The need to bridge elements within a composition is an essential requirement for expressing a radical image. The bridges can help differentiate the elements. But bridges as the interposing inclusions need to be abstract or implied, rather than physical actual entities. Bridges, if have any perceptible presence, are just elements, and so just crowd the composition.
Minimalism in composite expressions like art, architecture, stage performances, music and other events depend on reduction of engagements in both time and space.
The ‘zero’ time or ‘white’ space, as bridges are interventive elements that become tool for minimalistic design.
Time is delayed, decelerated, adjourned or distanced to diffuse the pace of action. On similar counts, the Space occupation is made ethereal, elemental or barely essential. The reduction of engagements, on both the counts, goes against the tendency ‘to ply everything to reduce the chances of failure’.

1346 FORMALISM in DESIGN
There was an era around mid 19th C when artists (and others like writers, and later many classes of designers) began to show exclusive preoccupation with the arrangement of forms, spaces, surfaces, textures, colours, etc. This was tried first by extensional exclusion of such representational forms and arrangements (canonical orders). Other methods were to distort, camouflage and dilute the forms beyond recognition. It also included extensive use of ‘sensorial effects to divest the attention’.
The recognition of the abstraction for several decades, was more a manner interpretation and less of application. It was impossible to come out of the moorings of centuries. Just the same, it began with conscious elimination of the obvious, interventions to break the sequencing and making art seamless (frames in case of painting, open ended sculptural forms, meaningless expressions in literature, missing out the rhythm in melody).

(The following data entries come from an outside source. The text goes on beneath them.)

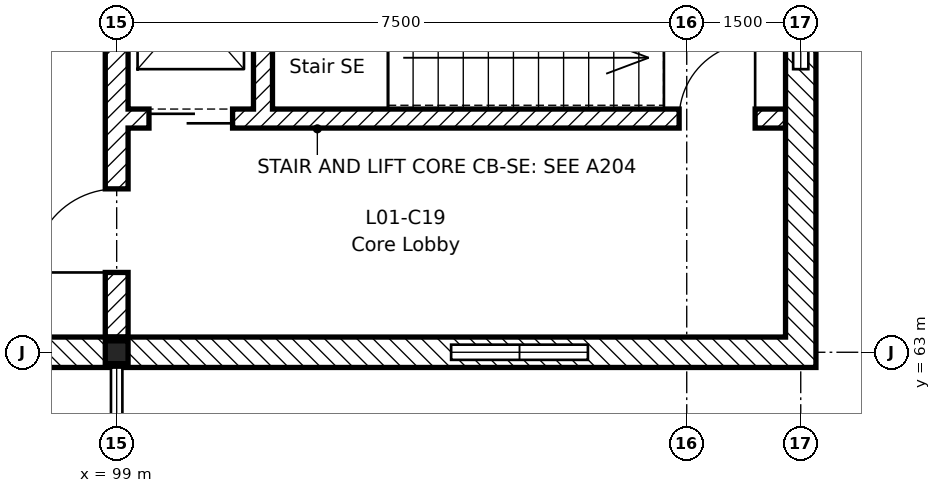
"""IFC4 building model, lengths in metres.
Left out: names, types, materials, properties, quantities, classifications, styles, units other than length and angle.
Written with IfcOpenShell. Run it as: python <this file> out.ifc"""

import sys

from ifc_helpers import new_model, si_unit, direction, frame, frame_2d, origin, origin_2d, place, context, subcontext, project, spatial, rectangle, i_section, extrude, element, fill, save


model = new_model("IFC4")
c1 = context("Model", 3, precision=1e-05, world=origin(), true_north=direction((0.0, 1.0)))
c2 = subcontext(c1, "Body", "Model", "MODEL_VIEW")
j1 = project(units=[si_unit("LENGTHUNIT", "METRE"), si_unit("PLANEANGLEUNIT", "RADIAN")], contexts=[c1])
p1 = place(None, origin())
s1 = spatial("IfcSite", under=j1, at=p1, CompositionType="ELEMENT")
p2 = place(p1, origin())
s2 = spatial("IfcBuilding", under=s1, at=p2, CompositionType="ELEMENT")
p3 = place(p2, frame((0.0, 0.0, 5.4)))
s3 = spatial("IfcBuildingStorey", under=s2, at=p3, CompositionType="ELEMENT", Elevation=5.4)
p4 = place(p3, frame((99.0, 63.0, -0.2), z_axis=(0.0, 0.0, 1.0), x_axis=(1.0, 0.0, 0.0)))
e1 = element("IfcColumn", 1, at=p4, inside=s3, PredefinedType="COLUMN", context=c2, shape_type="SweptSolid", body=[
    extrude(i_section(OverallWidth=0.3, OverallDepth=0.3, WebThickness=0.011, FlangeThickness=0.019, FilletRadius=0.027, at=origin_2d()), origin(), (0.0, 0.0, 1.0), 4.5),
])
p5 = place(p3, frame((99.0, 63.2, 0.0), z_axis=(0.0, 0.0, 1.0), x_axis=(0.0, 1.0, 0.0)))
e2 = element("IfcWall", 2, at=p5, inside=s3, PredefinedType="SHEAR", context=c2, shape_type="SweptSolid", body=[
    extrude(rectangle(XDim=8.95, YDim=0.3, at=frame_2d((4.475, 0.0))), origin(), (0.0, 0.0, 1.0), 4.3),
])
p6 = place(p5, frame((0.85, 0.0, 0.0)))
e3 = element("IfcOpeningElement", 3, at=p6, cuts=e2, PredefinedType="OPENING", context=c2, shape_type="SweptSolid", body=[
    extrude(rectangle(XDim=1.1, YDim=2.1, at=frame_2d((0.55, 1.05))), frame((0.0, 0.16, 0.0), z_axis=(0.0, -1.0, 0.0), x_axis=(1.0, 0.0, 0.0)), (0.0, 0.0, 1.0), 0.32),
])
p7 = place(p3, frame((107.8, 66.075, 0.0), z_axis=(0.0, 0.0, 1.0), x_axis=(-1.0, 0.0, 0.0)))
e4 = element("IfcWall", 4, at=p7, inside=s3, PredefinedType="SHEAR", context=c2, shape_type="SweptSolid", body=[
    extrude(rectangle(XDim=8.65, YDim=0.25, at=frame_2d((4.325, 0.0))), origin(), (0.0, 0.0, 1.0), 4.3),
])
p8 = place(p7, frame((0.4, 0.0, 0.0)))
e5 = element("IfcOpeningElement", 5, at=p8, cuts=e4, PredefinedType="OPENING", context=c2, shape_type="SweptSolid", body=[
    extrude(rectangle(XDim=1.0, YDim=2.1, at=frame_2d((0.5, 1.05))), frame((0.0, 0.135, 0.0), z_axis=(0.0, -1.0, 0.0), x_axis=(1.0, 0.0, 0.0)), (0.0, 0.0, 1.0), 0.27),
])
p9 = place(p7, frame((7.275, 0.0, 0.0)))
e6 = element("IfcOpeningElement", 6, at=p9, cuts=e4, PredefinedType="OPENING", context=c2, shape_type="SweptSolid", body=[
    extrude(rectangle(XDim=1.1, YDim=2.1, at=frame_2d((0.55, 1.05))), frame((0.0, 0.135, 0.0), z_axis=(0.0, -1.0, 0.0), x_axis=(1.0, 0.0, 0.0)), (0.0, 0.0, 1.0), 0.27),
])
p10 = place(p3, frame((100.925, 66.2, 0.0), z_axis=(0.0, 0.0, 1.0), x_axis=(0.0, 1.0, 0.0)))
e7 = element("IfcWall", 7, at=p10, inside=s3, PredefinedType="SHEAR", context=c2, shape_type="SweptSolid", body=[
    extrude(rectangle(XDim=2.85, YDim=0.25, at=frame_2d((1.425, 0.0))), origin(), (0.0, 0.0, 1.0), 4.3),
])
p11 = place(p3, frame((72.0, 63.0, 0.0), z_axis=(0.0, 0.0, 1.0), x_axis=(1.0, 0.0, 0.0)))
e8 = element("IfcWall", 8, at=p11, inside=s3, PredefinedType="STANDARD", context=c2, shape_type="SweptSolid", body=[
    extrude(rectangle(XDim=27.0, YDim=0.4, at=frame_2d((13.5, 0.0))), origin(), (0.0, 0.0, 1.0), 3.81),
])
p12 = place(p3, frame((99.0, 63.0, 0.0), z_axis=(0.0, 0.0, 1.0), x_axis=(1.0, 0.0, 0.0)))
e9 = element("IfcWall", 9, at=p12, inside=s3, PredefinedType="STANDARD", context=c2, shape_type="SweptSolid", body=[
    extrude(rectangle(XDim=4.4, YDim=0.4, at=frame_2d((2.2, 0.0))), origin(), (0.0, 0.0, 1.0), 4.3),
])
p13 = place(p3, frame((105.2, 63.0, 0.0), z_axis=(0.0, 0.0, 1.0), x_axis=(1.0, 0.0, 0.0)))
e10 = element("IfcWall", 10, at=p13, inside=s3, PredefinedType="STANDARD", context=c2, shape_type="SweptSolid", body=[
    extrude(rectangle(XDim=3.0, YDim=0.4, at=frame_2d((1.5, 0.0))), origin(), (0.0, 0.0, 1.0), 4.3),
])
p14 = place(p3, frame((103.4, 63.0, 0.0), z_axis=(0.0, 0.0, 1.0), x_axis=(1.0, 0.0, 0.0)))
e11 = element("IfcWall", 11, at=p14, inside=s3, PredefinedType="STANDARD", context=c2, shape_type="SweptSolid", body=[
    extrude(rectangle(XDim=1.8, YDim=0.4, at=frame_2d((0.9, 0.0))), origin(), (0.0, 0.0, 1.0), 0.9),
])
p15 = place(p3, frame((108.0, 63.2, 0.0), z_axis=(0.0, 0.0, 1.0), x_axis=(0.0, 1.0, 0.0)))
e12 = element("IfcWall", 12, at=p15, inside=s3, PredefinedType="STANDARD", context=c2, shape_type="SweptSolid", body=[
    extrude(rectangle(XDim=3.525, YDim=0.4, at=frame_2d((1.763, 0.0))), origin(), (0.0, 0.0, 1.0), 4.3),
])
p16 = place(p3, frame((108.0, 66.725, 0.0), z_axis=(0.0, 0.0, 1.0), x_axis=(0.0, 1.0, 0.0)))
e13 = element("IfcWall", 13, at=p16, inside=s3, PredefinedType="STANDARD", context=c2, shape_type="SweptSolid", body=[
    extrude(rectangle(XDim=1.8, YDim=0.4, at=frame_2d((0.9, 0.0))), origin(), (0.0, 0.0, 1.0), 0.9),
])
p17 = place(p8, frame((1.0, 0.0, 0.0), z_axis=(0.0, 0.0, 1.0), x_axis=(-1.0, 0.0, 0.0)))
e14 = element("IfcDoor", 14, at=p17, inside=s3, OperationType="SINGLE_SWING_RIGHT", PredefinedType="DOOR", context=c2, shape_type="SweptSolid", body=[
    extrude(rectangle(XDim=1.0, YDim=2.1, at=frame_2d((0.5, 1.05))), frame((0.0, 0.025, 0.0), z_axis=(0.0, -1.0, 0.0), x_axis=(1.0, 0.0, 0.0)), (0.0, 0.0, 1.0), 0.05),
])
fill(e5, e14)
p18 = place(p6, origin())
e15 = element("IfcDoor", 15, at=p18, inside=s3, OperationType="SINGLE_SWING_LEFT", PredefinedType="DOOR", context=c2, shape_type="SweptSolid", body=[
    extrude(rectangle(XDim=1.1, YDim=2.1, at=frame_2d((0.55, 1.05))), frame((0.0, 0.025, 0.0), z_axis=(0.0, -1.0, 0.0), x_axis=(1.0, 0.0, 0.0)), (0.0, 0.0, 1.0), 0.05),
])
fill(e3, e15)
p19 = place(p9, origin())
e16 = element("IfcDoor", 16, at=p19, inside=s3, OperationType="SLIDING_TO_LEFT", PredefinedType="DOOR", context=c2, shape_type="SweptSolid", body=[
    extrude(rectangle(XDim=1.1, YDim=2.1, at=frame_2d((0.55, 1.05))), frame((0.0, 0.025, 0.0), z_axis=(0.0, -1.0, 0.0), x_axis=(1.0, 0.0, 0.0)), (0.0, 0.0, 1.0), 0.05),
])
fill(e6, e16)
save(model, sys.argv[1])

There was an innate connection between the literal and metaphoric expressions, but difficult to state. There were also several metaphysical concerns, like socialism, geo-politics, functionalism, minimalism, etc. weighing down the abstraction. The ant-art isms, like Dadaism, Cubism, Futurism, etc. came to deconstructivism and deformalism, in all art fields, but stood out more emphatically in ‘practical’ arts like architecture and fashion, as non livable and non-wearable creations.

1362 MINIMALISM versus MAXIMALISM
Minimalism is ‘claimed to have arrived’ with the Modernist movement of the 20th C. These discussions and examples are closer to us, and so fresh. The minimalistic attitudes, however have very ancient bearing, as several discourses in ancient religions of Asia, show various manners of minimal existence.
Maximalism is often considered an antiquarian style. It is a product of stable lifestyles, where wars and migrations are fewer. There is a natural human tendency to invest, hoard everything and occupy larger estate. The grandiose comes with larger exhibition. The abundance is an additive and continuing process, enriched through generations.
Both the dispositions have their cyclic favours through ages. The preferment, though are not simultaneous in all fields of creativity. Usually, these manifest as contrast to each other. Maximalism has exuberance of abundance and over-realism. Maximalists creations have wider, detailed, but diffused statement. Minimalism carries extremely personal relevance due to over abstraction. Minimalists may survive through efficiency of simplicity, but not the clarity.
In the Design field, Improvisation is preeminent, as one refashions, a product by adopting best features of all equivalent offerings in the market. This has a tendency to be an ‘additive design’ –a maximalists approach. But, if the product competition is about cost and efficiency, than it becomes necessary to strip all less necessary features – a minimalist overture.